Likely one of the most frustrating clinical problems for both the patient and physician is an unrelenting, undiagnosed cough. There are 4 main reasons why the management is so difficult:
A reasonable approach is empirical (and aggressive) treatment of the most likely pathology while observing the patient’s response. If the patient does not respond completely, treat the next most likely pathology, and so on. Accompanying signs and symptoms of these disorders may not be obvious or even present – this is a common theme in chronic cough patients. Below are descriptions of these pathologies and their treatments.

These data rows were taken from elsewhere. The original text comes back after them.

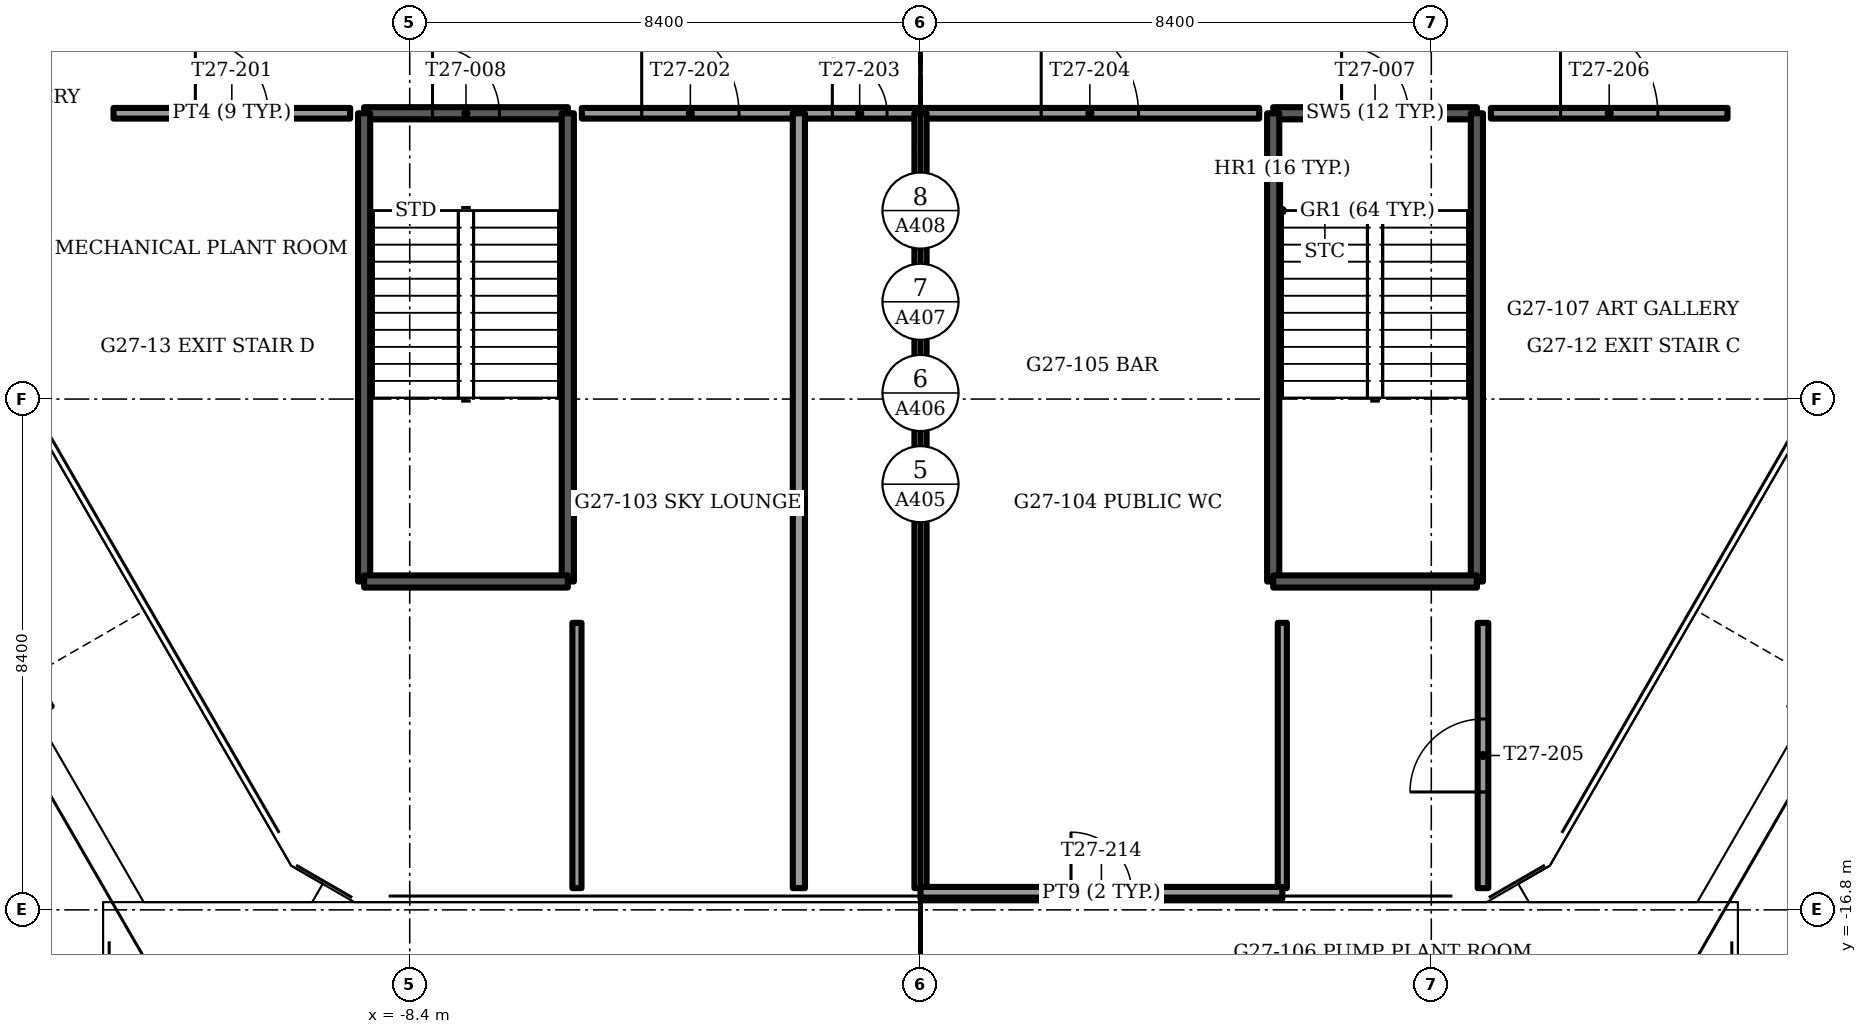
"""IFC4 building model, lengths in metres.
Left out: names, types, materials, properties, quantities, classifications, styles, units other than length and angle.
Written with IfcOpenShell. Run it as: python <this file> out.ifc"""

import sys

from ifc_helpers import new_model, si_unit, direction, frame, frame_2d, origin, place, context, subcontext, project, spatial, rectangle, extrude, element, fill, save


model = new_model("IFC4")
c1 = context("Model", 3, precision=1e-05, world=origin(), true_north=direction((0.0, 1.0)))
c2 = subcontext(c1, "Body", "Model", "MODEL_VIEW")
j1 = project(units=[si_unit("LENGTHUNIT", "METRE"), si_unit("PLANEANGLEUNIT", "RADIAN")], contexts=[c1])
p1 = place(None, origin())
s1 = spatial("IfcSite", under=j1, at=p1, CompositionType="ELEMENT")
p2 = place(p1, origin())
s2 = spatial("IfcBuilding", under=s1, at=p2, CompositionType="ELEMENT")
p3 = place(p2, frame((0.0, 0.0, 108.0)))
s3 = spatial("IfcBuildingStorey", under=s2, at=p3, CompositionType="ELEMENT", Elevation=108.0)
p4 = place(p3, frame((5.8, -3.7, -0.3), z_axis=(0.0, 0.0, 1.0), x_axis=(1.0, 0.0, 0.0)))
e1 = element("IfcWall", 1, at=p4, inside=s3, PredefinedType="SOLIDWALL", context=c2, shape_type="SweptSolid", body=[
    extrude(rectangle(XDim=3.35, YDim=0.2, at=frame_2d((1.675, 0.0))), origin(), (0.0, 0.0, 1.0), 8.0),
])
p5 = place(p4, frame((1.125, 0.0, 0.0)))
e2 = element("IfcOpeningElement", 2, at=p5, cuts=e1, PredefinedType="OPENING", context=c2, shape_type="SweptSolid", body=[
    extrude(rectangle(XDim=1.1, YDim=2.1, at=frame_2d((0.55, 1.05))), frame((0.0, 0.1, 0.0), z_axis=(0.0, -1.0, 0.0), x_axis=(1.0, 0.0, 0.0)), (0.0, 0.0, 1.0), 0.2),
])
for number, where, z_axis, x_axis in (
    (3, (5.8, -3.7, -0.3), (0.0, 0.0, 1.0), (0.0, -1.0, 0.0)),
    (4, (9.15, -3.7, -0.3), (0.0, 0.0, 1.0), (0.0, -1.0, 0.0)),
):
    element("IfcWall", number, at=place(p3, frame(where, z_axis=z_axis, x_axis=x_axis)), inside=s3, PredefinedType="SOLIDWALL", context=c2, shape_type="SweptSolid", body=[
        extrude(rectangle(XDim=7.7, YDim=0.2, at=frame_2d((3.85, 0.0))), origin(), (0.0, 0.0, 1.0), 8.0),
    ])
p6 = place(p3, frame((5.8, -11.4, -0.3), z_axis=(0.0, 0.0, 1.0), x_axis=(1.0, 0.0, 0.0)))
e5 = element("IfcWall", 5, at=p6, inside=s3, PredefinedType="SOLIDWALL", context=c2, shape_type="SweptSolid", body=[
    extrude(rectangle(XDim=3.35, YDim=0.2, at=frame_2d((1.675, 0.0))), origin(), (0.0, 0.0, 1.0), 8.0),
])
p7 = place(p3, frame((-9.15, -3.7, -0.3), z_axis=(0.0, 0.0, 1.0), x_axis=(1.0, 0.0, 0.0)))
e6 = element("IfcWall", 6, at=p7, inside=s3, PredefinedType="SOLIDWALL", context=c2, shape_type="SweptSolid", body=[
    extrude(rectangle(XDim=3.35, YDim=0.2, at=frame_2d((1.675, 0.0))), origin(), (0.0, 0.0, 1.0), 8.0),
])
p8 = place(p7, frame((1.125, 0.0, 0.0)))
e7 = element("IfcOpeningElement", 7, at=p8, cuts=e6, PredefinedType="OPENING", context=c2, shape_type="SweptSolid", body=[
    extrude(rectangle(XDim=1.1, YDim=2.1, at=frame_2d((0.55, 1.05))), frame((0.0, 0.1, 0.0), z_axis=(0.0, -1.0, 0.0), x_axis=(1.0, 0.0, 0.0)), (0.0, 0.0, 1.0), 0.2),
])
for number, where, z_axis, x_axis in (
    (8, (-9.15, -3.7, -0.3), (0.0, 0.0, 1.0), (0.0, -1.0, 0.0)),
    (9, (-5.8, -3.7, -0.3), (0.0, 0.0, 1.0), (0.0, -1.0, 0.0)),
):
    element("IfcWall", number, at=place(p3, frame(where, z_axis=z_axis, x_axis=x_axis)), inside=s3, PredefinedType="SOLIDWALL", context=c2, shape_type="SweptSolid", body=[
        extrude(rectangle(XDim=7.7, YDim=0.2, at=frame_2d((3.85, 0.0))), origin(), (0.0, 0.0, 1.0), 8.0),
    ])
p9 = place(p3, frame((-9.15, -11.4, -0.3), z_axis=(0.0, 0.0, 1.0), x_axis=(1.0, 0.0, 0.0)))
e10 = element("IfcWall", 10, at=p9, inside=s3, PredefinedType="SOLIDWALL", context=c2, shape_type="SweptSolid", body=[
    extrude(rectangle(XDim=3.35, YDim=0.2, at=frame_2d((1.675, 0.0))), origin(), (0.0, 0.0, 1.0), 8.0),
])
p10 = place(p3, frame((-13.271, -3.7, 0.0), z_axis=(0.0, 0.0, 1.0), x_axis=(1.0, 0.0, 0.0)))
e11 = element("IfcWall", 11, at=p10, inside=s3, PredefinedType="PARTITIONING", context=c2, shape_type="SweptSolid", body=[
    extrude(rectangle(XDim=3.891, YDim=0.175, at=frame_2d((1.946, 0.0))), origin(), (0.0, 0.0, 1.0), 7.7),
])
p11 = place(p10, frame((1.346, 0.0, 0.0)))
e12 = element("IfcOpeningElement", 12, at=p11, cuts=e11, PredefinedType="OPENING", context=c2, shape_type="SweptSolid", body=[
    extrude(rectangle(XDim=1.2, YDim=2.1, at=frame_2d((0.6, 1.05))), frame((0.0, 0.087, 0.0), z_axis=(0.0, -1.0, 0.0), x_axis=(1.0, 0.0, 0.0)), (0.0, 0.0, 1.0), 0.175),
])
p12 = place(p3, frame((-5.57, -3.7, 0.0), z_axis=(0.0, 0.0, 1.0), x_axis=(1.0, 0.0, 0.0)))
e13 = element("IfcWall", 13, at=p12, inside=s3, PredefinedType="PARTITIONING", context=c2, shape_type="SweptSolid", body=[
    extrude(rectangle(XDim=11.14, YDim=0.175, at=frame_2d((5.57, 0.0))), origin(), (0.0, 0.0, 1.0), 7.7),
])
p13 = place(p12, frame((0.985, 0.0, 0.0)))
e14 = element("IfcOpeningElement", 14, at=p13, cuts=e13, PredefinedType="OPENING", context=c2, shape_type="SweptSolid", body=[
    extrude(rectangle(XDim=1.6, YDim=2.1, at=frame_2d((0.8, 1.05))), frame((0.0, 0.087, 0.0), z_axis=(0.0, -1.0, 0.0), x_axis=(1.0, 0.0, 0.0)), (0.0, 0.0, 1.0), 0.175),
])
p14 = place(p12, frame((4.12, 0.0, 0.0)))
e15 = element("IfcOpeningElement", 15, at=p14, cuts=e13, PredefinedType="OPENING", context=c2, shape_type="SweptSolid", body=[
    extrude(rectangle(XDim=0.9, YDim=2.1, at=frame_2d((0.45, 1.05))), frame((0.0, 0.087, 0.0), z_axis=(0.0, -1.0, 0.0), x_axis=(1.0, 0.0, 0.0)), (0.0, 0.0, 1.0), 0.175),
])
p15 = place(p12, frame((7.555, 0.0, 0.0)))
e16 = element("IfcOpeningElement", 16, at=p15, cuts=e13, PredefinedType="OPENING", context=c2, shape_type="SweptSolid", body=[
    extrude(rectangle(XDim=1.6, YDim=2.1, at=frame_2d((0.8, 1.05))), frame((0.0, 0.087, 0.0), z_axis=(0.0, -1.0, 0.0), x_axis=(1.0, 0.0, 0.0)), (0.0, 0.0, 1.0), 0.175),
])
p16 = place(p3, frame((9.38, -3.7, 0.0), z_axis=(0.0, 0.0, 1.0), x_axis=(1.0, 0.0, 0.0)))
e17 = element("IfcWall", 17, at=p16, inside=s3, PredefinedType="PARTITIONING", context=c2, shape_type="SweptSolid", body=[
    extrude(rectangle(XDim=3.891, YDim=0.175, at=frame_2d((1.946, 0.0))), origin(), (0.0, 0.0, 1.0), 7.7),
])
p17 = place(p16, frame((1.146, 0.0, 0.0)))
e18 = element("IfcOpeningElement", 18, at=p17, cuts=e17, PredefinedType="OPENING", context=c2, shape_type="SweptSolid", body=[
    extrude(rectangle(XDim=1.6, YDim=2.1, at=frame_2d((0.8, 1.05))), frame((0.0, 0.087, 0.0), z_axis=(0.0, -1.0, 0.0), x_axis=(1.0, 0.0, 0.0)), (0.0, 0.0, 1.0), 0.175),
])
p18 = place(p3, frame((9.25, -16.442, 0.0), z_axis=(0.0, 0.0, 1.0), x_axis=(0.0, 1.0, 0.0)))
e19 = element("IfcWall", 19, at=p18, inside=s3, PredefinedType="PARTITIONING", context=c2, shape_type="SweptSolid", body=[
    extrude(rectangle(XDim=4.362, YDim=0.175, at=frame_2d((2.181, 0.0))), origin(), (0.0, 0.0, 1.0), 7.7),
])
p19 = place(p18, frame((1.581, 0.0, 0.0)))
e20 = element("IfcOpeningElement", 20, at=p19, cuts=e19, PredefinedType="OPENING", context=c2, shape_type="SweptSolid", body=[
    extrude(rectangle(XDim=1.2, YDim=2.1, at=frame_2d((0.6, 1.05))), frame((0.0, 0.087, 0.0), z_axis=(0.0, -1.0, 0.0), x_axis=(1.0, 0.0, 0.0)), (0.0, 0.0, 1.0), 0.175),
])
for number, where, z_axis, x_axis in (
    (21, (-2.0, -16.443, 0.0), (0.0, 0.0, 1.0), (0.0, 1.0, 0.0)),
    (22, (0.0, -16.443, 0.0), (0.0, 0.0, 1.0), (0.0, 1.0, 0.0)),
):
    element("IfcWall", number, at=place(p3, frame(where, z_axis=z_axis, x_axis=x_axis)), inside=s3, PredefinedType="PARTITIONING", context=c2, shape_type="SweptSolid", body=[
        extrude(rectangle(XDim=12.743, YDim=0.2, at=frame_2d((6.371, 0.0))), origin(), (0.0, 0.0, 1.0), 7.7),
    ])
for number, where, z_axis, x_axis in (
    (23, (-5.65, -16.443, 0.0), (0.0, 0.0, 1.0), (0.0, 1.0, 0.0)),
    (24, (5.95, -16.443, 0.0), (0.0, 0.0, 1.0), (0.0, 1.0, 0.0)),
):
    element("IfcWall", number, at=place(p3, frame(where, z_axis=z_axis, x_axis=x_axis)), inside=s3, PredefinedType="PARTITIONING", context=c2, shape_type="SweptSolid", body=[
        extrude(rectangle(XDim=4.363, YDim=0.15, at=frame_2d((2.181, 0.0))), origin(), (0.0, 0.0, 1.0), 7.7),
    ])
p20 = place(p3, frame((0.0, -16.523, 0.0), z_axis=(0.0, 0.0, 1.0), x_axis=(1.0, 0.0, 0.0)))
e25 = element("IfcWall", 25, at=p20, inside=s3, PredefinedType="PARTITIONING", context=c2, shape_type="SweptSolid", body=[
    extrude(rectangle(XDim=5.95, YDim=0.2, at=frame_2d((2.975, 0.0))), origin(), (0.0, 0.0, 1.0), 7.7),
])
p21 = place(p20, frame((2.475, 0.0, 0.0)))
e26 = element("IfcOpeningElement", 26, at=p21, cuts=e25, PredefinedType="OPENING", context=c2, shape_type="SweptSolid", body=[
    extrude(rectangle(XDim=1.0, YDim=2.1, at=frame_2d((0.5, 1.05))), frame((0.0, 0.1, 0.0), z_axis=(0.0, -1.0, 0.0), x_axis=(1.0, 0.0, 0.0)), (0.0, 0.0, 1.0), 0.2),
])
p22 = place(p5, origin())
e27 = element("IfcDoor", 27, at=p22, inside=s3, OperationType="SINGLE_SWING_LEFT", PredefinedType="DOOR", context=c2, shape_type="SweptSolid", body=[
    extrude(rectangle(XDim=1.1, YDim=2.1, at=frame_2d((0.55, 1.05))), frame((0.0, 0.025, 0.0), z_axis=(0.0, -1.0, 0.0), x_axis=(1.0, 0.0, 0.0)), (0.0, 0.0, 1.0), 0.05),
])
fill(e2, e27)
p23 = place(p8, origin())
e28 = element("IfcDoor", 28, at=p23, inside=s3, OperationType="SINGLE_SWING_LEFT", PredefinedType="DOOR", context=c2, shape_type="SweptSolid", body=[
    extrude(rectangle(XDim=1.1, YDim=2.1, at=frame_2d((0.55, 1.05))), frame((0.0, 0.025, 0.0), z_axis=(0.0, -1.0, 0.0), x_axis=(1.0, 0.0, 0.0)), (0.0, 0.0, 1.0), 0.05),
])
fill(e7, e28)
p24 = place(p11, origin())
e29 = element("IfcDoor", 29, at=p24, inside=s3, OperationType="SINGLE_SWING_LEFT", PredefinedType="DOOR", context=c2, shape_type="SweptSolid", body=[
    extrude(rectangle(XDim=1.2, YDim=2.1, at=frame_2d((0.6, 1.05))), frame((0.0, 0.025, 0.0), z_axis=(0.0, -1.0, 0.0), x_axis=(1.0, 0.0, 0.0)), (0.0, 0.0, 1.0), 0.05),
])
fill(e12, e29)
p25 = place(p13, origin())
e30 = element("IfcDoor", 30, at=p25, inside=s3, OperationType="DOUBLE_DOOR_SINGLE_SWING", PredefinedType="DOOR", context=c2, shape_type="SweptSolid", body=[
    extrude(rectangle(XDim=1.6, YDim=2.1, at=frame_2d((0.8, 1.05))), frame((0.0, 0.025, 0.0), z_axis=(0.0, -1.0, 0.0), x_axis=(1.0, 0.0, 0.0)), (0.0, 0.0, 1.0), 0.05),
])
fill(e14, e30)
p26 = place(p14, origin())
e31 = element("IfcDoor", 31, at=p26, inside=s3, OperationType="SINGLE_SWING_LEFT", PredefinedType="DOOR", context=c2, shape_type="SweptSolid", body=[
    extrude(rectangle(XDim=0.9, YDim=2.1, at=frame_2d((0.45, 1.05))), frame((0.0, 0.025, 0.0), z_axis=(0.0, -1.0, 0.0), x_axis=(1.0, 0.0, 0.0)), (0.0, 0.0, 1.0), 0.05),
])
fill(e15, e31)
p27 = place(p15, origin())
e32 = element("IfcDoor", 32, at=p27, inside=s3, OperationType="DOUBLE_DOOR_SINGLE_SWING", PredefinedType="DOOR", context=c2, shape_type="SweptSolid", body=[
    extrude(rectangle(XDim=1.6, YDim=2.1, at=frame_2d((0.8, 1.05))), frame((0.0, 0.025, 0.0), z_axis=(0.0, -1.0, 0.0), x_axis=(1.0, 0.0, 0.0)), (0.0, 0.0, 1.0), 0.05),
])
fill(e16, e32)
p28 = place(p19, origin())
e33 = element("IfcDoor", 33, at=p28, inside=s3, OperationType="SINGLE_SWING_LEFT", PredefinedType="DOOR", context=c2, shape_type="SweptSolid", body=[
    extrude(rectangle(XDim=1.2, YDim=2.1, at=frame_2d((0.6, 1.05))), frame((0.0, 0.025, 0.0), z_axis=(0.0, -1.0, 0.0), x_axis=(1.0, 0.0, 0.0)), (0.0, 0.0, 1.0), 0.05),
])
fill(e20, e33)
p29 = place(p17, origin())
e34 = element("IfcDoor", 34, at=p29, inside=s3, OperationType="DOUBLE_DOOR_SINGLE_SWING", PredefinedType="DOOR", context=c2, shape_type="SweptSolid", body=[
    extrude(rectangle(XDim=1.6, YDim=2.1, at=frame_2d((0.8, 1.05))), frame((0.0, 0.025, 0.0), z_axis=(0.0, -1.0, 0.0), x_axis=(1.0, 0.0, 0.0)), (0.0, 0.0, 1.0), 0.05),
])
fill(e18, e34)
p30 = place(p21, origin())
e35 = element("IfcDoor", 35, at=p30, inside=s3, OperationType="SINGLE_SWING_LEFT", PredefinedType="DOOR", context=c2, shape_type="SweptSolid", body=[
    extrude(rectangle(XDim=1.0, YDim=2.1, at=frame_2d((0.5, 1.05))), frame((0.0, 0.025, 0.0), z_axis=(0.0, -1.0, 0.0), x_axis=(1.0, 0.0, 0.0)), (0.0, 0.0, 1.0), 0.05),
])
fill(e26, e35)
save(model, sys.argv[1])

Allergic rhinitis and or chronic sinusitis commonly cause cough via post-nasal drip or the naso-bronchil reflex. Uncomplicated Allergic rhinitis should respond well to the combination of antihistamines and nasal steroids. If chronic sinusitis is a consideration, then a minimum three-week course of a broad-spectrum antibiotic (e.g., Augmentin™ or Biaxin™) with good anaerobic coverage should be used along with nasal steroids and decongestants. A short burst of prednisone (40mg qD x 5d) may also be used when antibiotics are initiated. An option is to obtain a screening sinus CT to make the diagnosis – plain sinus films are not very sensitive and may be an obsolete procedure.
Chronic cough may be the only manifestation of gastroesophageal reflux (GERD). When treating empirically, it is necessary to use an ample dose of a proton-pump inhibitor (e.g. Prevacid™ 30mg qD or BID) for a minimum of 6 weeks. H2-blockers and/or antacids are frequently ineffective in treating the respiratory symptoms of GERD, and thus are not appropriate for an empiric trial. If the patient responds, the dose should be titrated down if possible. Another approach is to do a 24-hour gastric pH probe looking for drops in pH in coinciding with episodes of cough. This is an uncomfortable and expensive procedure.
Cough-variant asthma manifests as a cough without the typical wheezing, shortness of breath, etc. This is sometimes a diagnosis of exclusion, because lung function testing does not always show abnormalities. It is worth performing spirometry, a quick and inexpensive test, because finding significant obstruction helps seal this particular diagnosis. Empiric therapy may include a trial of prednisone (e.g. 40mg qD x 7 – 10 days, then taper) or a trial with a very potent inhled steroid (Flovent™ 220 2 puffs BID x 2-3 weeks). If they patient responds they should be maintained on the lowest effective inhaled steroid dose, perhaps with the addition of a long acting bronchodilator (e.g., Serevent™) or Leukotriene modifier (e.g., Singulair™).
A Post-viral cough can sometimes last for months after infection resulting in prolonged bronchial hyperreactivity. This type of cough, which can be thought of as “temporary asthma,” can usually be managed with inhaled steroids and/or Atrovent.™
Of course this empiric approach assumes that there is little suspicion of chronic lung disease (TB, bronchiectasis, interstitial disease, smoking), endobronchial lesions, CHF, or a cough related to ACE inhibitor therapy. These entities should be assessed by history, PE and radiological studies – at least a CXR should be done at some point in all these patients. Lastly, a different approach might be used in patients who do not tolerate medications well (e.g., an elderly patient or one with multiple drug allergies). In these patients it might be advisable to use diagnostic tests first before beginning empiric therapy.